Federated learning for prostate cancer detection in biparametric MRI: optimization of rounds, epochs, and aggregation strategy

A. Moradi, F. Zerka, J. Sander Bosma, D. Yakar, J. Geerdink, H. Huisman, T. Frost Bathen and M. Elschot

Medical Imaging 2024: Computer-Aided Diagnosis 2024.

In 2020, prostate cancer (PCa) caused about 6.8% of male cancer-related deaths. Thus, early detection of PCa and improving clinical procedures for suspected cases are crucial. Fortunately, using biparametric magnetic resonance imaging (bpMRI) along with advanced computer-aided diagnosis (CAD) systems that involve deep learning (DL) techniques leads to PCa detection rates comparable to radiologists. Achieving this requires access to a large amount of patient data; however, sharing patient-specific information raises privacy concerns. To address this, we present a Flower federated learning (FL) framework that utilizes local DL models based on nnU-Net for PCa detection. We investigated the impact of various epoch-round combinations and server-side aggregation strategies on the performance of the FL framework and compared the results with centralized learning (CL).
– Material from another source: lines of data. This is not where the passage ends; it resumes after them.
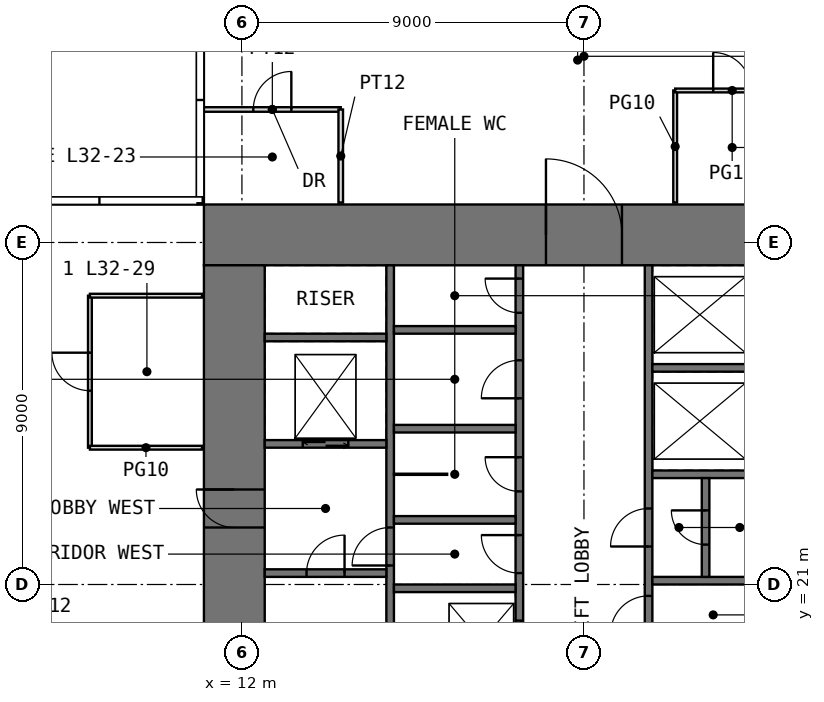
"""IFC4 building model, lengths in metres.
Left out: names, types, materials, properties, quantities, classifications, styles, units other than length and angle.
Written with IfcOpenShell. Run it as: python <this file> out.ifc"""

import sys

from ifc_helpers import new_model, si_unit, direction, frame, frame_2d, origin, place, context, subcontext, project, spatial, rectangle, extrude, element, fill, save


model = new_model("IFC4")
c1 = context("Model", 3, precision=1e-05, world=origin(), true_north=direction((0.0, 1.0)))
c2 = subcontext(c1, "Body", "Model", "MODEL_VIEW")
j1 = project(units=[si_unit("LENGTHUNIT", "METRE"), si_unit("PLANEANGLEUNIT", "RADIAN")], contexts=[c1])
p1 = place(None, origin())
s1 = spatial("IfcSite", under=j1, at=p1, CompositionType="ELEMENT")
p2 = place(p1, origin())
s2 = spatial("IfcBuilding", under=s1, at=p2, CompositionType="ELEMENT")
p3 = place(p2, frame((0.0, 0.0, 136.5)))
s3 = spatial("IfcBuildingStorey", under=s2, at=p3, CompositionType="ELEMENT", Elevation=136.5)
p4 = place(p3, frame((11.0, 30.2, -0.05), z_axis=(0.0, 0.0, 1.0), x_axis=(1.0, 0.0, 0.0)))
e1 = element("IfcWall", 1, at=p4, inside=s3, PredefinedType="SHEAR", context=c2, shape_type="SweptSolid", body=[
    extrude(rectangle(XDim=20.0, YDim=1.6, at=frame_2d((10.0, 0.0))), origin(), (0.0, 0.0, 1.0), 4.0),
])
p5 = place(p4, frame((9.0, 0.0, 0.05)))
e2 = element("IfcOpeningElement", 2, at=p5, cuts=e1, PredefinedType="OPENING", context=c2, shape_type="SweptSolid", body=[
    extrude(rectangle(XDim=2.0, YDim=2.2, at=frame_2d((1.0, 1.1))), frame((0.0, 0.81, 0.0), z_axis=(0.0, -1.0, 0.0), x_axis=(1.0, 0.0, 0.0)), (0.0, 0.0, 1.0), 1.62),
])
p6 = place(p3, frame((11.8, 12.6, -0.05), z_axis=(0.0, 0.0, 1.0), x_axis=(0.0, 1.0, 0.0)))
e3 = element("IfcWall", 3, at=p6, inside=s3, PredefinedType="SHEAR", context=c2, shape_type="SweptSolid", body=[
    extrude(rectangle(XDim=16.8, YDim=1.6, at=frame_2d((8.4, 0.0))), origin(), (0.0, 0.0, 1.0), 4.0),
])
p7 = place(p6, frame((9.9, 0.0, 0.05)))
e4 = element("IfcOpeningElement", 4, at=p7, cuts=e3, PredefinedType="OPENING", context=c2, shape_type="SweptSolid", body=[
    extrude(rectangle(XDim=1.0, YDim=2.2, at=frame_2d((0.5, 1.1))), frame((0.0, 0.81, 0.0), z_axis=(0.0, -1.0, 0.0), x_axis=(1.0, 0.0, 0.0)), (0.0, 0.0, 1.0), 1.62),
])
p8 = place(p3, frame((15.9, 12.6, -0.05), z_axis=(0.0, 0.0, 1.0), x_axis=(0.0, 1.0, 0.0)))
e5 = element("IfcWall", 5, at=p8, inside=s3, PredefinedType="SHEAR", context=c2, shape_type="SweptSolid", body=[
    extrude(rectangle(XDim=16.8, YDim=0.2, at=frame_2d((8.4, 0.0))), origin(), (0.0, 0.0, 1.0), 4.0),
])
p9 = place(p8, frame((8.9, 0.0, 0.05)))
e6 = element("IfcOpeningElement", 6, at=p9, cuts=e5, PredefinedType="OPENING", context=c2, shape_type="SweptSolid", body=[
    extrude(rectangle(XDim=1.0, YDim=2.2, at=frame_2d((0.5, 1.1))), frame((0.0, 0.11, 0.0), z_axis=(0.0, -1.0, 0.0), x_axis=(1.0, 0.0, 0.0)), (0.0, 0.0, 1.0), 0.22),
])
p10 = place(p3, frame((19.3, 12.6, -0.05), z_axis=(0.0, 0.0, 1.0), x_axis=(0.0, 1.0, 0.0)))
e7 = element("IfcWall", 7, at=p10, inside=s3, PredefinedType="SHEAR", context=c2, shape_type="SweptSolid", body=[
    extrude(rectangle(XDim=16.8, YDim=0.2, at=frame_2d((8.4, 0.0))), origin(), (0.0, 0.0, 1.0), 4.0),
])
p11 = place(p10, frame((8.7, 0.0, 0.05)))
e8 = element("IfcOpeningElement", 8, at=p11, cuts=e7, PredefinedType="OPENING", context=c2, shape_type="SweptSolid", body=[
    extrude(rectangle(XDim=1.0, YDim=2.2, at=frame_2d((0.5, 1.1))), frame((0.0, 0.11, 0.0), z_axis=(0.0, -1.0, 0.0), x_axis=(1.0, 0.0, 0.0)), (0.0, 0.0, 1.0), 0.22),
])
p12 = place(p10, frame((10.85, 0.0, 0.05)))
e9 = element("IfcOpeningElement", 9, at=p12, cuts=e7, PredefinedType="OPENING", context=c2, shape_type="SweptSolid", body=[
    extrude(rectangle(XDim=0.9, YDim=2.2, at=frame_2d((0.45, 1.1))), frame((0.0, 0.11, 0.0), z_axis=(0.0, -1.0, 0.0), x_axis=(1.0, 0.0, 0.0)), (0.0, 0.0, 1.0), 0.22),
])
p13 = place(p10, frame((13.3, 0.0, 0.05)))
e10 = element("IfcOpeningElement", 10, at=p13, cuts=e7, PredefinedType="OPENING", context=c2, shape_type="SweptSolid", body=[
    extrude(rectangle(XDim=1.0, YDim=2.2, at=frame_2d((0.5, 1.1))), frame((0.0, 0.11, 0.0), z_axis=(0.0, -1.0, 0.0), x_axis=(1.0, 0.0, 0.0)), (0.0, 0.0, 1.0), 0.22),
])
p14 = place(p10, frame((15.55, 0.0, 0.05)))
e11 = element("IfcOpeningElement", 11, at=p14, cuts=e7, PredefinedType="OPENING", context=c2, shape_type="SweptSolid", body=[
    extrude(rectangle(XDim=0.9, YDim=2.2, at=frame_2d((0.45, 1.1))), frame((0.0, 0.11, 0.0), z_axis=(0.0, -1.0, 0.0), x_axis=(1.0, 0.0, 0.0)), (0.0, 0.0, 1.0), 0.22),
])
p15 = place(p10, frame((0.75, 0.0, 0.05)))
e12 = element("IfcOpeningElement", 12, at=p15, cuts=e7, PredefinedType="OPENING", context=c2, shape_type="SweptSolid", body=[
    extrude(rectangle(XDim=1.1, YDim=2.2, at=frame_2d((0.55, 1.1))), frame((0.0, 0.11, 0.0), z_axis=(0.0, -1.0, 0.0), x_axis=(1.0, 0.0, 0.0)), (0.0, 0.0, 1.0), 0.22),
])
p16 = place(p10, frame((3.55, 0.0, 0.05)))
e13 = element("IfcOpeningElement", 13, at=p16, cuts=e7, PredefinedType="OPENING", context=c2, shape_type="SweptSolid", body=[
    extrude(rectangle(XDim=1.1, YDim=2.2, at=frame_2d((0.55, 1.1))), frame((0.0, 0.11, 0.0), z_axis=(0.0, -1.0, 0.0), x_axis=(1.0, 0.0, 0.0)), (0.0, 0.0, 1.0), 0.22),
])
p17 = place(p10, frame((6.35, 0.0, 0.05)))
e14 = element("IfcOpeningElement", 14, at=p17, cuts=e7, PredefinedType="OPENING", context=c2, shape_type="SweptSolid", body=[
    extrude(rectangle(XDim=1.1, YDim=2.2, at=frame_2d((0.55, 1.1))), frame((0.0, 0.11, 0.0), z_axis=(0.0, -1.0, 0.0), x_axis=(1.0, 0.0, 0.0)), (0.0, 0.0, 1.0), 0.22),
])
p18 = place(p3, frame((22.7, 12.6, -0.05), z_axis=(0.0, 0.0, 1.0), x_axis=(0.0, 1.0, 0.0)))
e15 = element("IfcWall", 15, at=p18, inside=s3, PredefinedType="SHEAR", context=c2, shape_type="SweptSolid", body=[
    extrude(rectangle(XDim=16.8, YDim=0.2, at=frame_2d((8.4, 0.0))), origin(), (0.0, 0.0, 1.0), 4.0),
])
p19 = place(p18, frame((0.45, 0.0, 0.05)))
e16 = element("IfcOpeningElement", 16, at=p19, cuts=e15, PredefinedType="OPENING", context=c2, shape_type="SweptSolid", body=[
    extrude(rectangle(XDim=0.9, YDim=2.2, at=frame_2d((0.45, 1.1))), frame((0.0, 0.11, 0.0), z_axis=(0.0, -1.0, 0.0), x_axis=(1.0, 0.0, 0.0)), (0.0, 0.0, 1.0), 0.22),
])
p20 = place(p18, frame((7.1, 0.0, 0.05)))
e17 = element("IfcOpeningElement", 17, at=p20, cuts=e15, PredefinedType="OPENING", context=c2, shape_type="SweptSolid", body=[
    extrude(rectangle(XDim=1.0, YDim=2.2, at=frame_2d((0.5, 1.1))), frame((0.0, 0.11, 0.0), z_axis=(0.0, -1.0, 0.0), x_axis=(1.0, 0.0, 0.0)), (0.0, 0.0, 1.0), 0.22),
])
p21 = place(p18, frame((1.95, 0.0, 0.05)))
e18 = element("IfcOpeningElement", 18, at=p21, cuts=e15, PredefinedType="OPENING", context=c2, shape_type="SweptSolid", body=[
    extrude(rectangle(XDim=0.9, YDim=2.2, at=frame_2d((0.45, 1.1))), frame((0.0, 0.11, 0.0), z_axis=(0.0, -1.0, 0.0), x_axis=(1.0, 0.0, 0.0)), (0.0, 0.0, 1.0), 0.22),
])
p22 = place(p18, frame((4.95, 0.0, 0.05)))
e19 = element("IfcOpeningElement", 19, at=p22, cuts=e15, PredefinedType="OPENING", context=c2, shape_type="SweptSolid", body=[
    extrude(rectangle(XDim=0.9, YDim=2.2, at=frame_2d((0.45, 1.1))), frame((0.0, 0.11, 0.0), z_axis=(0.0, -1.0, 0.0), x_axis=(1.0, 0.0, 0.0)), (0.0, 0.0, 1.0), 0.22),
])
p23 = place(p18, frame((9.4, 0.0, 0.05)))
e20 = element("IfcOpeningElement", 20, at=p23, cuts=e15, PredefinedType="OPENING", context=c2, shape_type="SweptSolid", body=[
    extrude(rectangle(XDim=1.0, YDim=2.2, at=frame_2d((0.5, 1.1))), frame((0.0, 0.11, 0.0), z_axis=(0.0, -1.0, 0.0), x_axis=(1.0, 0.0, 0.0)), (0.0, 0.0, 1.0), 0.22),
])
p24 = place(p3, frame((12.6, 21.3, -0.05), z_axis=(0.0, 0.0, 1.0), x_axis=(1.0, 0.0, 0.0)))
e21 = element("IfcWall", 21, at=p24, inside=s3, PredefinedType="SHEAR", context=c2, shape_type="SweptSolid", body=[
    extrude(rectangle(XDim=3.2, YDim=0.2, at=frame_2d((1.6, 0.0))), origin(), (0.0, 0.0, 1.0), 4.0),
])
p25 = place(p24, frame((1.1, 0.0, 0.05)))
e22 = element("IfcOpeningElement", 22, at=p25, cuts=e21, PredefinedType="OPENING", context=c2, shape_type="SweptSolid", body=[
    extrude(rectangle(XDim=1.0, YDim=2.2, at=frame_2d((0.5, 1.1))), frame((0.0, 0.11, 0.0), z_axis=(0.0, -1.0, 0.0), x_axis=(1.0, 0.0, 0.0)), (0.0, 0.0, 1.0), 0.22),
])
p26 = place(p3, frame((12.6, 24.7, -0.05), z_axis=(0.0, 0.0, 1.0), x_axis=(1.0, 0.0, 0.0)))
e23 = element("IfcWall", 23, at=p26, inside=s3, PredefinedType="SHEAR", context=c2, shape_type="SweptSolid", body=[
    extrude(rectangle(XDim=3.2, YDim=0.2, at=frame_2d((1.6, 0.0))), origin(), (0.0, 0.0, 1.0), 4.0),
])
p27 = place(p26, frame((1.0, 0.0, 0.05)))
e24 = element("IfcOpeningElement", 24, at=p27, cuts=e23, PredefinedType="OPENING", context=c2, shape_type="SweptSolid", body=[
    extrude(rectangle(XDim=1.2, YDim=2.2, at=frame_2d((0.6, 1.1))), frame((0.0, 0.11, 0.0), z_axis=(0.0, -1.0, 0.0), x_axis=(1.0, 0.0, 0.0)), (0.0, 0.0, 1.0), 0.22),
])
for number, where, z_axis, x_axis in (
    (25, (12.6, 27.5, -0.05), (0.0, 0.0, 1.0), (1.0, 0.0, 0.0)),
    (26, (16.0, 20.9, -0.05), (0.0, 0.0, 1.0), (1.0, 0.0, 0.0)),
    (27, (16.0, 22.7, -0.05), (0.0, 0.0, 1.0), (1.0, 0.0, 0.0)),
    (28, (16.0, 25.1, -0.05), (0.0, 0.0, 1.0), (1.0, 0.0, 0.0)),
    (29, (16.0, 27.7, -0.05), (0.0, 0.0, 1.0), (1.0, 0.0, 0.0)),
    (30, (22.8, 21.1, -0.05), (0.0, 0.0, 1.0), (1.0, 0.0, 0.0)),
    (31, (22.8, 23.9, -0.05), (0.0, 0.0, 1.0), (1.0, 0.0, 0.0)),
    (32, (22.8, 26.7, -0.05), (0.0, 0.0, 1.0), (1.0, 0.0, 0.0)),
):
    element("IfcWall", number, at=place(p3, frame(where, z_axis=z_axis, x_axis=x_axis)), inside=s3, PredefinedType="SHEAR", context=c2, shape_type="SweptSolid", body=[
        extrude(rectangle(XDim=3.2, YDim=0.2, at=frame_2d((1.6, 0.0))), origin(), (0.0, 0.0, 1.0), 4.0),
    ])
p28 = place(p3, frame((16.0, 23.9, 0.0), z_axis=(0.0, 0.0, 1.0), x_axis=(1.0, 0.0, 0.0)))
e33 = element("IfcWall", 33, at=p28, inside=s3, PredefinedType="PARTITIONING", context=c2, shape_type="SweptSolid", body=[
    extrude(rectangle(XDim=1.4, YDim=0.03, at=frame_2d((0.7, 0.0))), origin(), (0.0, 0.0, 1.0), 3.75),
])
p29 = place(p3, frame((24.2, 21.2, -0.05), z_axis=(0.0, 0.0, 1.0), x_axis=(0.0, 1.0, 0.0)))
e34 = element("IfcWall", 34, at=p29, inside=s3, PredefinedType="SHEAR", context=c2, shape_type="SweptSolid", body=[
    extrude(rectangle(XDim=2.6, YDim=0.2, at=frame_2d((1.3, 0.0))), origin(), (0.0, 0.0, 1.0), 4.0),
])
p30 = place(p29, frame((0.85, 0.0, 0.05)))
e35 = element("IfcOpeningElement", 35, at=p30, cuts=e34, PredefinedType="OPENING", context=c2, shape_type="SweptSolid", body=[
    extrude(rectangle(XDim=0.9, YDim=2.2, at=frame_2d((0.45, 1.1))), frame((0.0, 0.11, 0.0), z_axis=(0.0, -1.0, 0.0), x_axis=(1.0, 0.0, 0.0)), (0.0, 0.0, 1.0), 0.22),
])
p31 = place(p3, frame((8.0, 24.6, 0.0), z_axis=(0.0, 0.0, 1.0), x_axis=(0.0, 1.0, 0.0)))
e36 = element("IfcWall", 36, at=p31, inside=s3, PredefinedType="PARTITIONING", context=c2, shape_type="SweptSolid", body=[
    extrude(rectangle(XDim=4.0, YDim=0.1, at=frame_2d((2.0, 0.0))), origin(), (0.0, 0.0, 1.0), 3.75),
])
p32 = place(p31, frame((1.5, 0.0, 0.0)))
e37 = element("IfcOpeningElement", 37, at=p32, cuts=e36, PredefinedType="OPENING", context=c2, shape_type="SweptSolid", body=[
    extrude(rectangle(XDim=1.0, YDim=2.4, at=frame_2d((0.5, 1.2))), frame((0.0, 0.06, 0.0), z_axis=(0.0, -1.0, 0.0), x_axis=(1.0, 0.0, 0.0)), (0.0, 0.0, 1.0), 0.12),
])
for number, where, z_axis, x_axis in (
    (38, (8.0, 24.6, 0.0), (0.0, 0.0, 1.0), (1.0, 0.0, 0.0)),
    (39, (8.0, 28.6, 0.0), (0.0, 0.0, 1.0), (1.0, 0.0, 0.0)),
):
    element("IfcWall", number, at=place(p3, frame(where, z_axis=z_axis, x_axis=x_axis)), inside=s3, PredefinedType="PARTITIONING", context=c2, shape_type="SweptSolid", body=[
        extrude(rectangle(XDim=2.95, YDim=0.1, at=frame_2d((1.475, 0.0))), origin(), (0.0, 0.0, 1.0), 3.75),
    ])
p33 = place(p3, frame((11.0, 33.5, 0.0), z_axis=(0.0, 0.0, 1.0), x_axis=(1.0, 0.0, 0.0)))
e40 = element("IfcWall", 40, at=p33, inside=s3, PredefinedType="PARTITIONING", context=c2, shape_type="SweptSolid", body=[
    extrude(rectangle(XDim=3.6, YDim=0.12, at=frame_2d((1.8, 0.0))), origin(), (0.0, 0.0, 1.0), 3.75),
])
p34 = place(p33, frame((1.3, 0.0, 0.0)))
e41 = element("IfcOpeningElement", 41, at=p34, cuts=e40, PredefinedType="OPENING", context=c2, shape_type="SweptSolid", body=[
    extrude(rectangle(XDim=1.0, YDim=2.2, at=frame_2d((0.5, 1.1))), frame((0.0, 0.07, 0.0), z_axis=(0.0, -1.0, 0.0), x_axis=(1.0, 0.0, 0.0)), (0.0, 0.0, 1.0), 0.14),
])
p35 = place(p3, frame((14.6, 31.05, 0.0), z_axis=(0.0, 0.0, 1.0), x_axis=(0.0, 1.0, 0.0)))
e42 = element("IfcWall", 42, at=p35, inside=s3, PredefinedType="PARTITIONING", context=c2, shape_type="SweptSolid", body=[
    extrude(rectangle(XDim=2.45, YDim=0.12, at=frame_2d((1.225, 0.0))), origin(), (0.0, 0.0, 1.0), 3.75),
])
p36 = place(p3, frame((23.4, 31.05, 0.0), z_axis=(0.0, 0.0, 1.0), x_axis=(0.0, 1.0, 0.0)))
e43 = element("IfcWall", 43, at=p36, inside=s3, PredefinedType="PARTITIONING", context=c2, shape_type="SweptSolid", body=[
    extrude(rectangle(XDim=2.95, YDim=0.1, at=frame_2d((1.475, 0.0))), origin(), (0.0, 0.0, 1.0), 3.75),
])
p37 = place(p3, frame((23.4, 34.0, 0.0), z_axis=(0.0, 0.0, 1.0), x_axis=(1.0, 0.0, 0.0)))
e44 = element("IfcWall", 44, at=p37, inside=s3, PredefinedType="PARTITIONING", context=c2, shape_type="SweptSolid", body=[
    extrude(rectangle(XDim=3.0, YDim=0.1, at=frame_2d((1.5, 0.0))), origin(), (0.0, 0.0, 1.0), 3.75),
])
p38 = place(p37, frame((1.0, 0.0, 0.0)))
e45 = element("IfcOpeningElement", 45, at=p38, cuts=e44, PredefinedType="OPENING", context=c2, shape_type="SweptSolid", body=[
    extrude(rectangle(XDim=1.0, YDim=2.4, at=frame_2d((0.5, 1.2))), frame((0.0, 0.06, 0.0), z_axis=(0.0, -1.0, 0.0), x_axis=(1.0, 0.0, 0.0)), (0.0, 0.0, 1.0), 0.12),
])
p39 = place(p5, origin())
e46 = element("IfcDoor", 46, at=p39, inside=s3, OperationType="DOUBLE_DOOR_SINGLE_SWING", PredefinedType="DOOR", context=c2, shape_type="SweptSolid", body=[
    extrude(rectangle(XDim=2.0, YDim=2.2, at=frame_2d((1.0, 1.1))), frame((0.0, 0.025, 0.0), z_axis=(0.0, -1.0, 0.0), x_axis=(1.0, 0.0, 0.0)), (0.0, 0.0, 1.0), 0.05),
])
fill(e2, e46)
p40 = place(p7, origin())
e47 = element("IfcDoor", 47, at=p40, inside=s3, OperationType="SINGLE_SWING_RIGHT", PredefinedType="DOOR", context=c2, shape_type="SweptSolid", body=[
    extrude(rectangle(XDim=1.0, YDim=2.2, at=frame_2d((0.5, 1.1))), frame((0.0, 0.025, 0.0), z_axis=(0.0, -1.0, 0.0), x_axis=(1.0, 0.0, 0.0)), (0.0, 0.0, 1.0), 0.05),
])
fill(e4, e47)
p41 = place(p25, origin())
e48 = element("IfcDoor", 48, at=p41, inside=s3, OperationType="SINGLE_SWING_RIGHT", PredefinedType="DOOR", context=c2, shape_type="SweptSolid", body=[
    extrude(rectangle(XDim=1.0, YDim=2.2, at=frame_2d((0.5, 1.1))), frame((0.0, 0.025, 0.0), z_axis=(0.0, -1.0, 0.0), x_axis=(1.0, 0.0, 0.0)), (0.0, 0.0, 1.0), 0.05),
])
fill(e22, e48)
p42 = place(p9, origin())
e49 = element("IfcDoor", 49, at=p42, inside=s3, OperationType="SINGLE_SWING_LEFT", PredefinedType="DOOR", context=c2, shape_type="SweptSolid", body=[
    extrude(rectangle(XDim=1.0, YDim=2.2, at=frame_2d((0.5, 1.1))), frame((0.0, 0.025, 0.0), z_axis=(0.0, -1.0, 0.0), x_axis=(1.0, 0.0, 0.0)), (0.0, 0.0, 1.0), 0.05),
])
fill(e6, e49)
p43 = place(p11, origin())
e50 = element("IfcDoor", 50, at=p43, inside=s3, OperationType="SINGLE_SWING_RIGHT", PredefinedType="DOOR", context=c2, shape_type="SweptSolid", body=[
    extrude(rectangle(XDim=1.0, YDim=2.2, at=frame_2d((0.5, 1.1))), frame((0.0, 0.025, 0.0), z_axis=(0.0, -1.0, 0.0), x_axis=(1.0, 0.0, 0.0)), (0.0, 0.0, 1.0), 0.05),
])
fill(e8, e50)
p44 = place(p20, origin())
e51 = element("IfcDoor", 51, at=p44, inside=s3, OperationType="SINGLE_SWING_LEFT", PredefinedType="DOOR", context=c2, shape_type="SweptSolid", body=[
    extrude(rectangle(XDim=1.0, YDim=2.2, at=frame_2d((0.5, 1.1))), frame((0.0, 0.025, 0.0), z_axis=(0.0, -1.0, 0.0), x_axis=(1.0, 0.0, 0.0)), (0.0, 0.0, 1.0), 0.05),
])
fill(e17, e51)
p45 = place(p12, origin())
e52 = element("IfcDoor", 52, at=p45, inside=s3, OperationType="SINGLE_SWING_RIGHT", PredefinedType="DOOR", context=c2, shape_type="SweptSolid", body=[
    extrude(rectangle(XDim=0.9, YDim=2.2, at=frame_2d((0.45, 1.1))), frame((0.0, 0.025, 0.0), z_axis=(0.0, -1.0, 0.0), x_axis=(1.0, 0.0, 0.0)), (0.0, 0.0, 1.0), 0.05),
])
fill(e9, e52)
p46 = place(p13, origin())
e53 = element("IfcDoor", 53, at=p46, inside=s3, OperationType="SINGLE_SWING_LEFT", PredefinedType="DOOR", context=c2, shape_type="SweptSolid", body=[
    extrude(rectangle(XDim=1.0, YDim=2.2, at=frame_2d((0.5, 1.1))), frame((0.0, 0.025, 0.0), z_axis=(0.0, -1.0, 0.0), x_axis=(1.0, 0.0, 0.0)), (0.0, 0.0, 1.0), 0.05),
])
fill(e10, e53)
p47 = place(p14, origin())
e54 = element("IfcDoor", 54, at=p47, inside=s3, OperationType="SINGLE_SWING_RIGHT", PredefinedType="DOOR", context=c2, shape_type="SweptSolid", body=[
    extrude(rectangle(XDim=0.9, YDim=2.2, at=frame_2d((0.45, 1.1))), frame((0.0, 0.025, 0.0), z_axis=(0.0, -1.0, 0.0), x_axis=(1.0, 0.0, 0.0)), (0.0, 0.0, 1.0), 0.05),
])
fill(e11, e54)
p48 = place(p23, origin())
e55 = element("IfcDoor", 55, at=p48, inside=s3, OperationType="SINGLE_SWING_LEFT", PredefinedType="DOOR", context=c2, shape_type="SweptSolid", body=[
    extrude(rectangle(XDim=1.0, YDim=2.2, at=frame_2d((0.5, 1.1))), frame((0.0, 0.025, 0.0), z_axis=(0.0, -1.0, 0.0), x_axis=(1.0, 0.0, 0.0)), (0.0, 0.0, 1.0), 0.05),
])
fill(e20, e55)
p49 = place(p30, origin())
e56 = element("IfcDoor", 56, at=p49, inside=s3, OperationType="SINGLE_SWING_RIGHT", PredefinedType="DOOR", context=c2, shape_type="SweptSolid", body=[
    extrude(rectangle(XDim=0.9, YDim=2.2, at=frame_2d((0.45, 1.1))), frame((0.0, 0.025, 0.0), z_axis=(0.0, -1.0, 0.0), x_axis=(1.0, 0.0, 0.0)), (0.0, 0.0, 1.0), 0.05),
])
fill(e35, e56)
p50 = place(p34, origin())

We performed empirical experiments using the Prostate Imaging Cancer AI (PI-CAI) dataset comprising 1500 patients from three different institutions for training/validation/testing and further evaluated the results on an independent test set of 199 patients from a fourth institution. The trained models were evaluated based on the PI-CAI score, which combines patient-level diagnostic performance (area under the receiver operating characteristic) and lesion-level detection performance (average precision). We found that FL can replicate the performance of CL and substantially improve the detection of PCa compared to local training approaches. We optimized the combination of epochs and rounds, along with a server-side aggregation strategy, for prostate lesion detection on the validation set. This configuration (5 epoch, 200 rounds, FedAdagrad aggregation) led to an enhanced PI-CAI score of 0.74 on the test set, compared to 0.73 and 0.72 for the CL and FL baselines, respectively.